My favorite, most iconic scenes from the flick all have their share of that crazy crossing of sci fi and human emotion. The horrifically damaged Gipsy Danger stumbling out of the whiteout to take a knee and then faceplant on the frozen shore (a powerful scene because you know it's nearly impossible for one pilot to drive a Jaeger alone, and yet Raleigh is doing so even after watching/feeling his brother torn away from life). The oldest Jaeger in the service banging its fists together before trying to avenge a fallen comrade. Marshall Pentecost (the amazing Idris Elba) climbing out of a Jaeger and standing, limned in holy light from the sun at his back, and smiling down at the little girl he just saved, the little girl clutching her one red shoe.

And then one that's badass because it's just badass: the again-grievously damaged Gipsy Danger throwing up her chain sword and slicing the charging kaiju right down the middle because screw missing and damaged limbs!

No, TWO that are badass because they're just badass: Gipsy Danger strollin all up the streets of Hong Kong, dragging a huge freighter as a club. God, I love that scene.

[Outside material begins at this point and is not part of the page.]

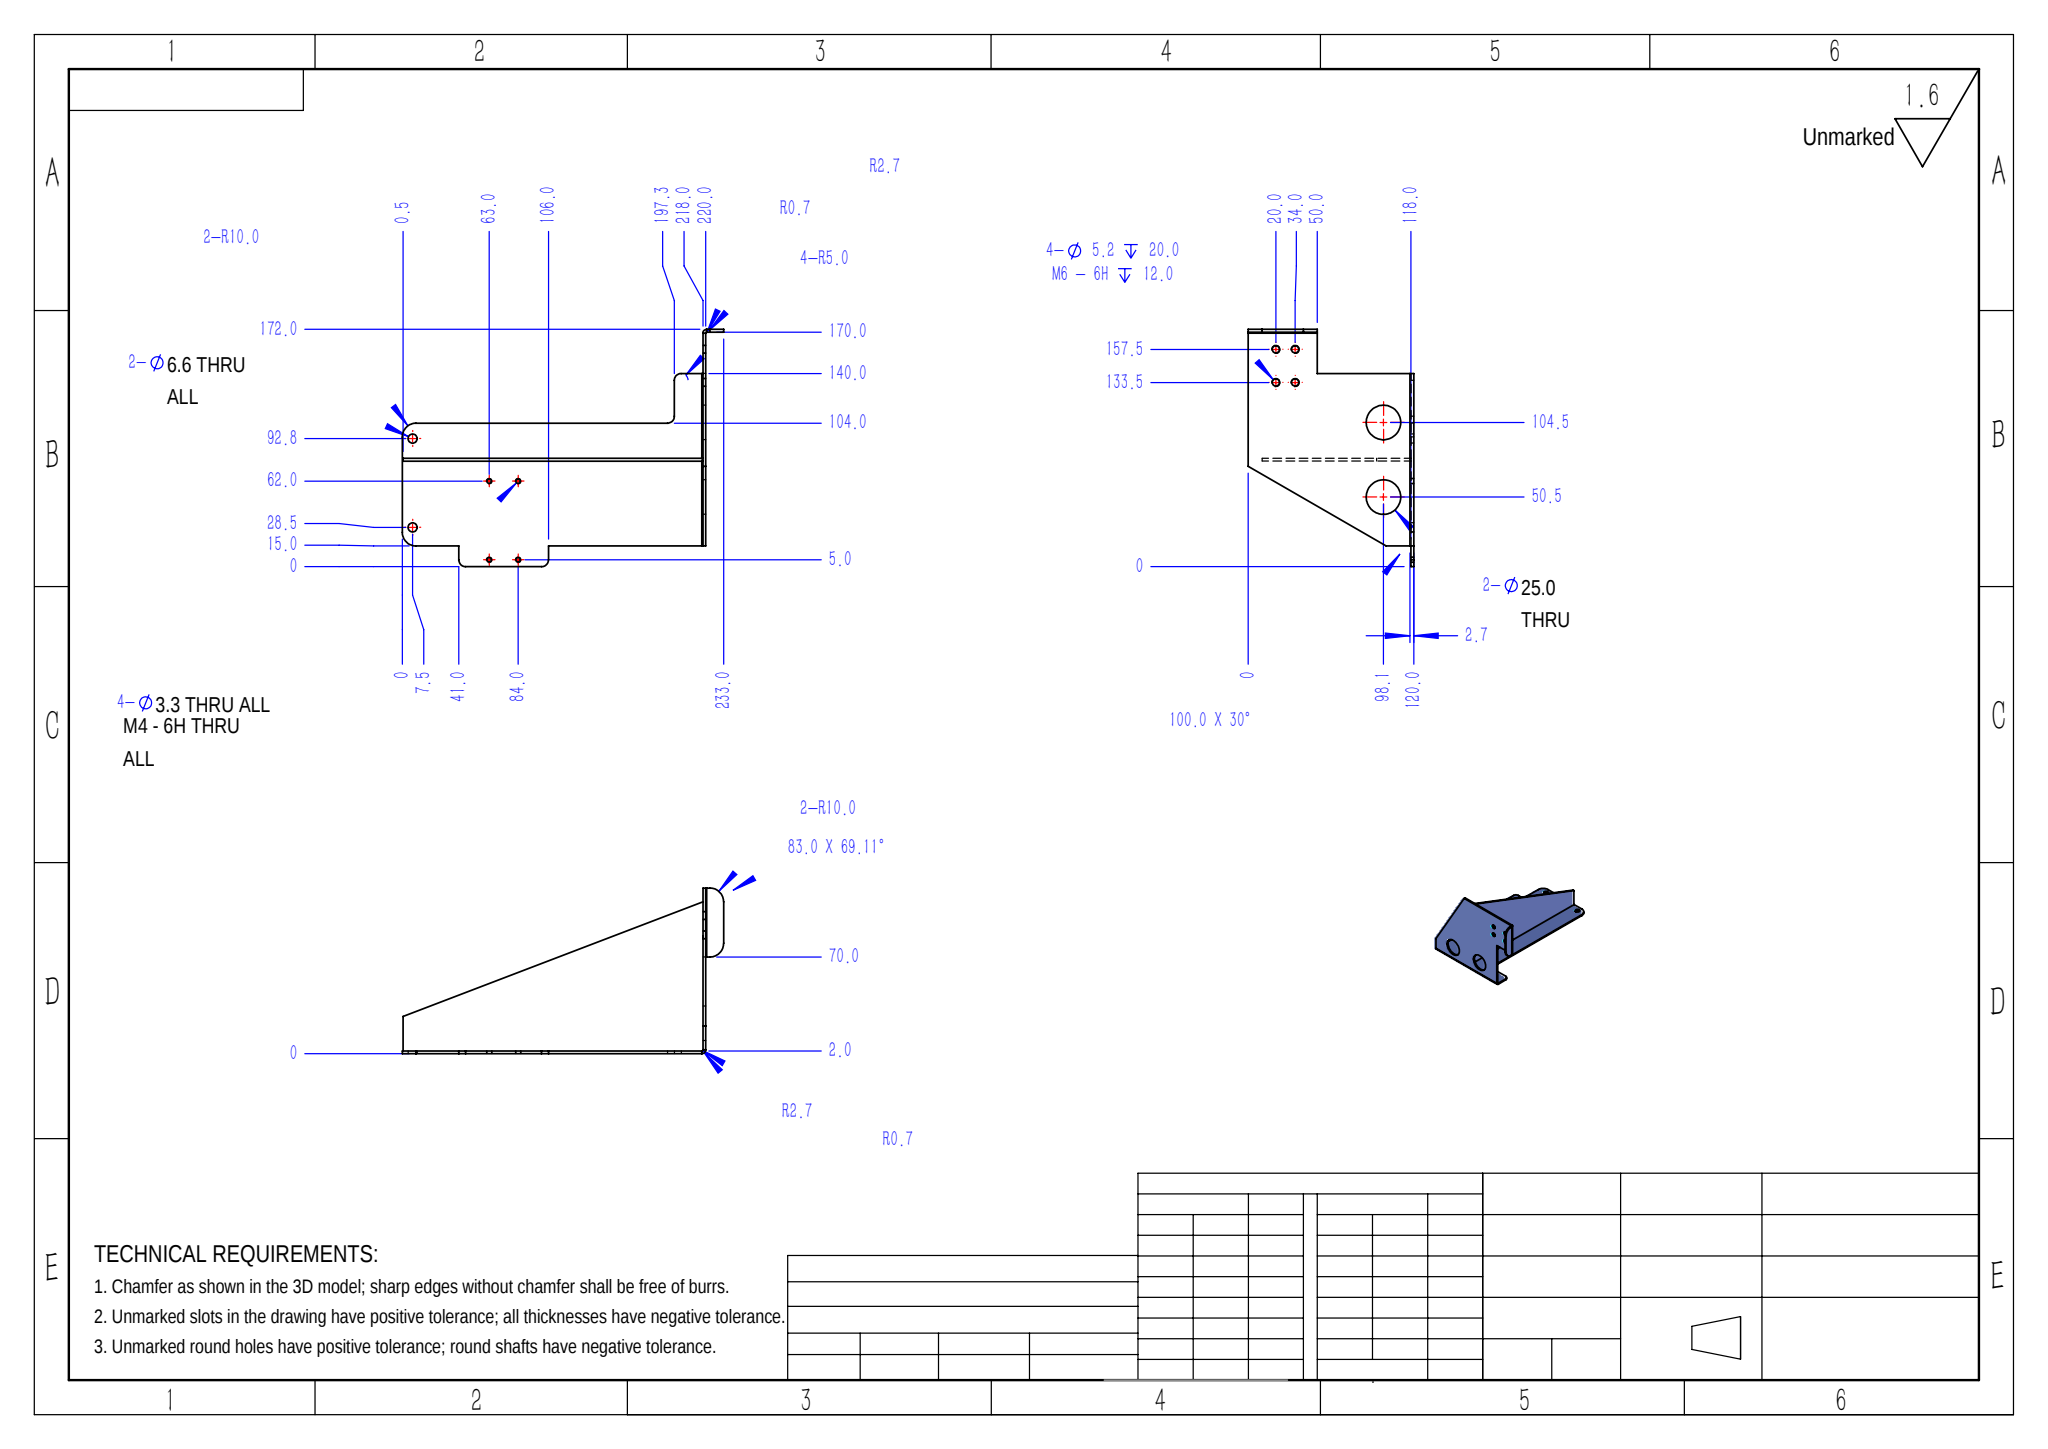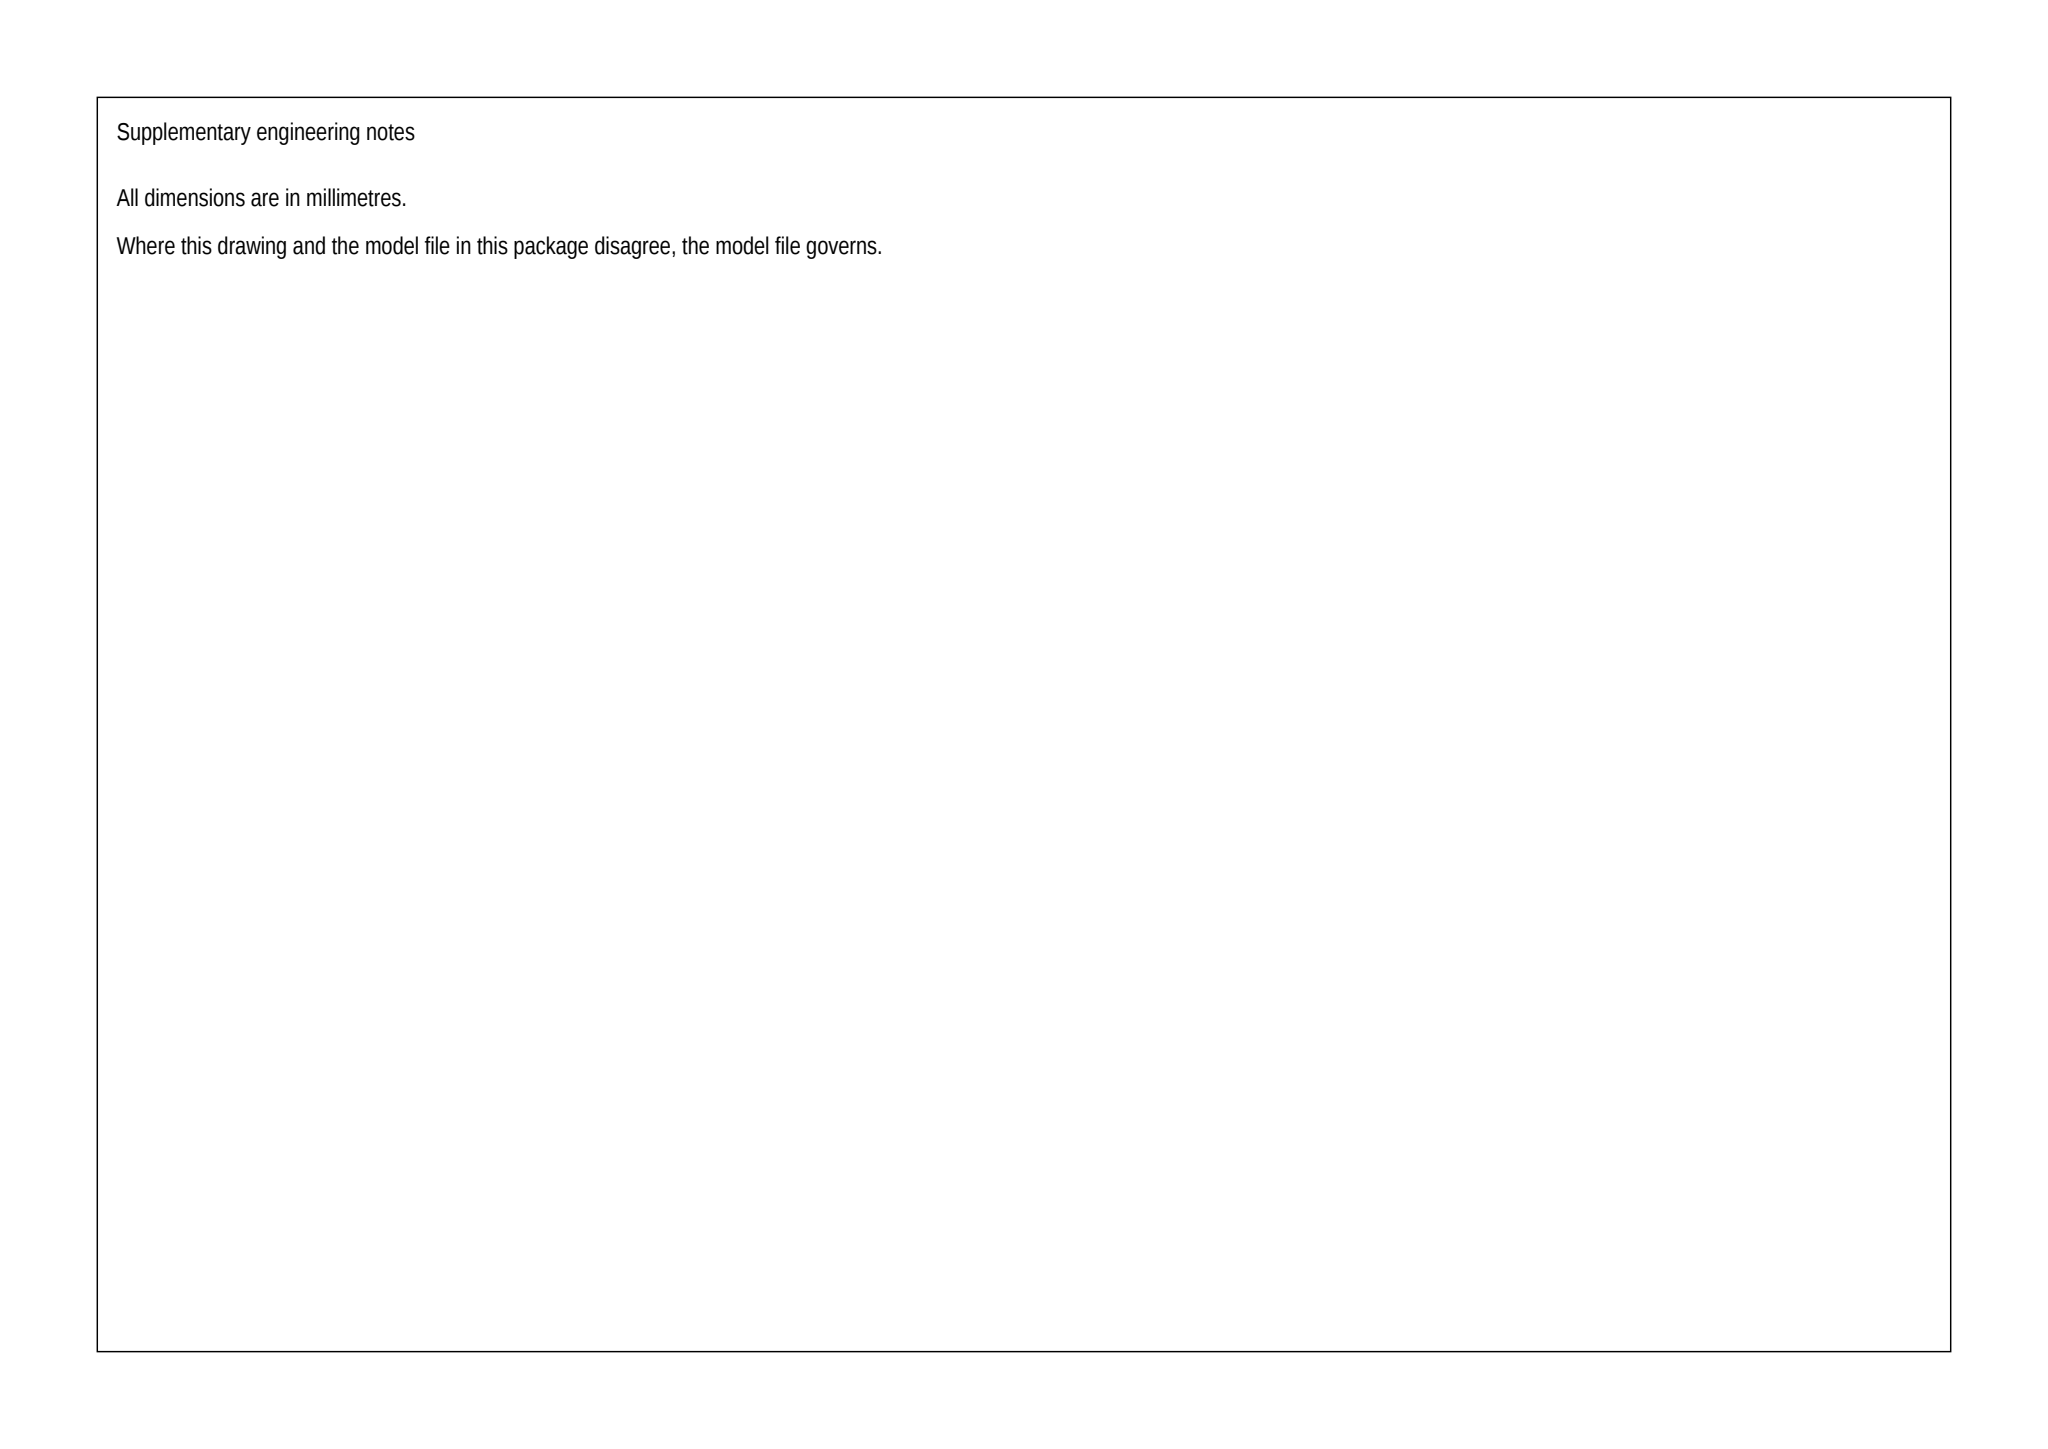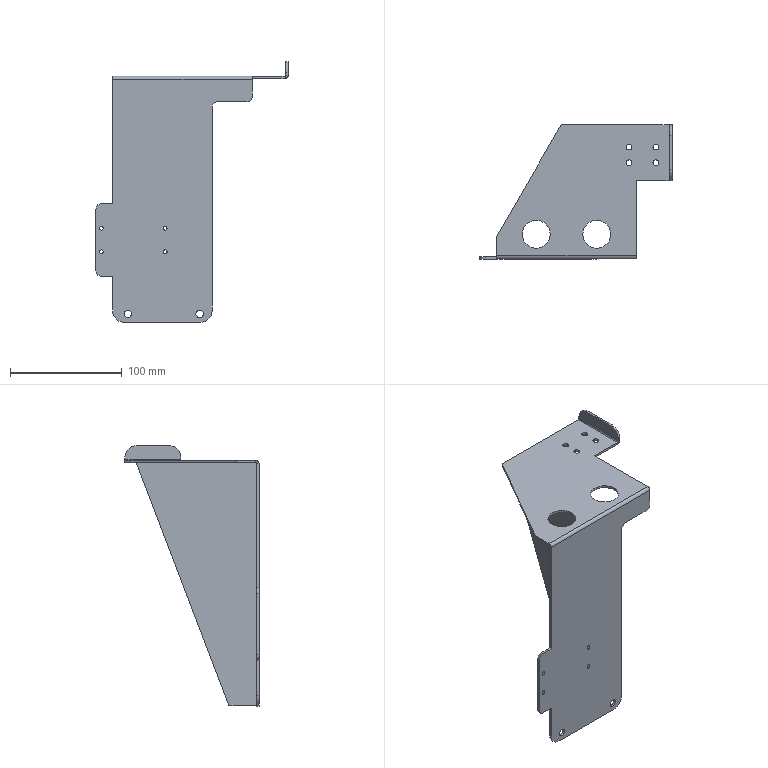Part | SolidWorks | mm | 1 solid | 68 faces | box 172 x 120 x 233 mm | volume 97108 mm3 | cylinder 37 | plane 31 | commonest cylinder face diameters 3.3 x8 5.2 x8 25 x4 6.6 x4 20 x4 10 x4 1.473 x3 5.473 x2

Beautiful. Simply beautiful. Señor del Toro has made yet another masterpiece, in my humble opinion, and I cannot wait to see what he does with the sequel. Because while they closed the Breach, the kaiju are connected as a species with a hive mind. Because they are planet-purgers by nature, there's no way they were all in one place when Gipsy owned them.

They will be back.

And this time, I'm seeing that shit in the theater!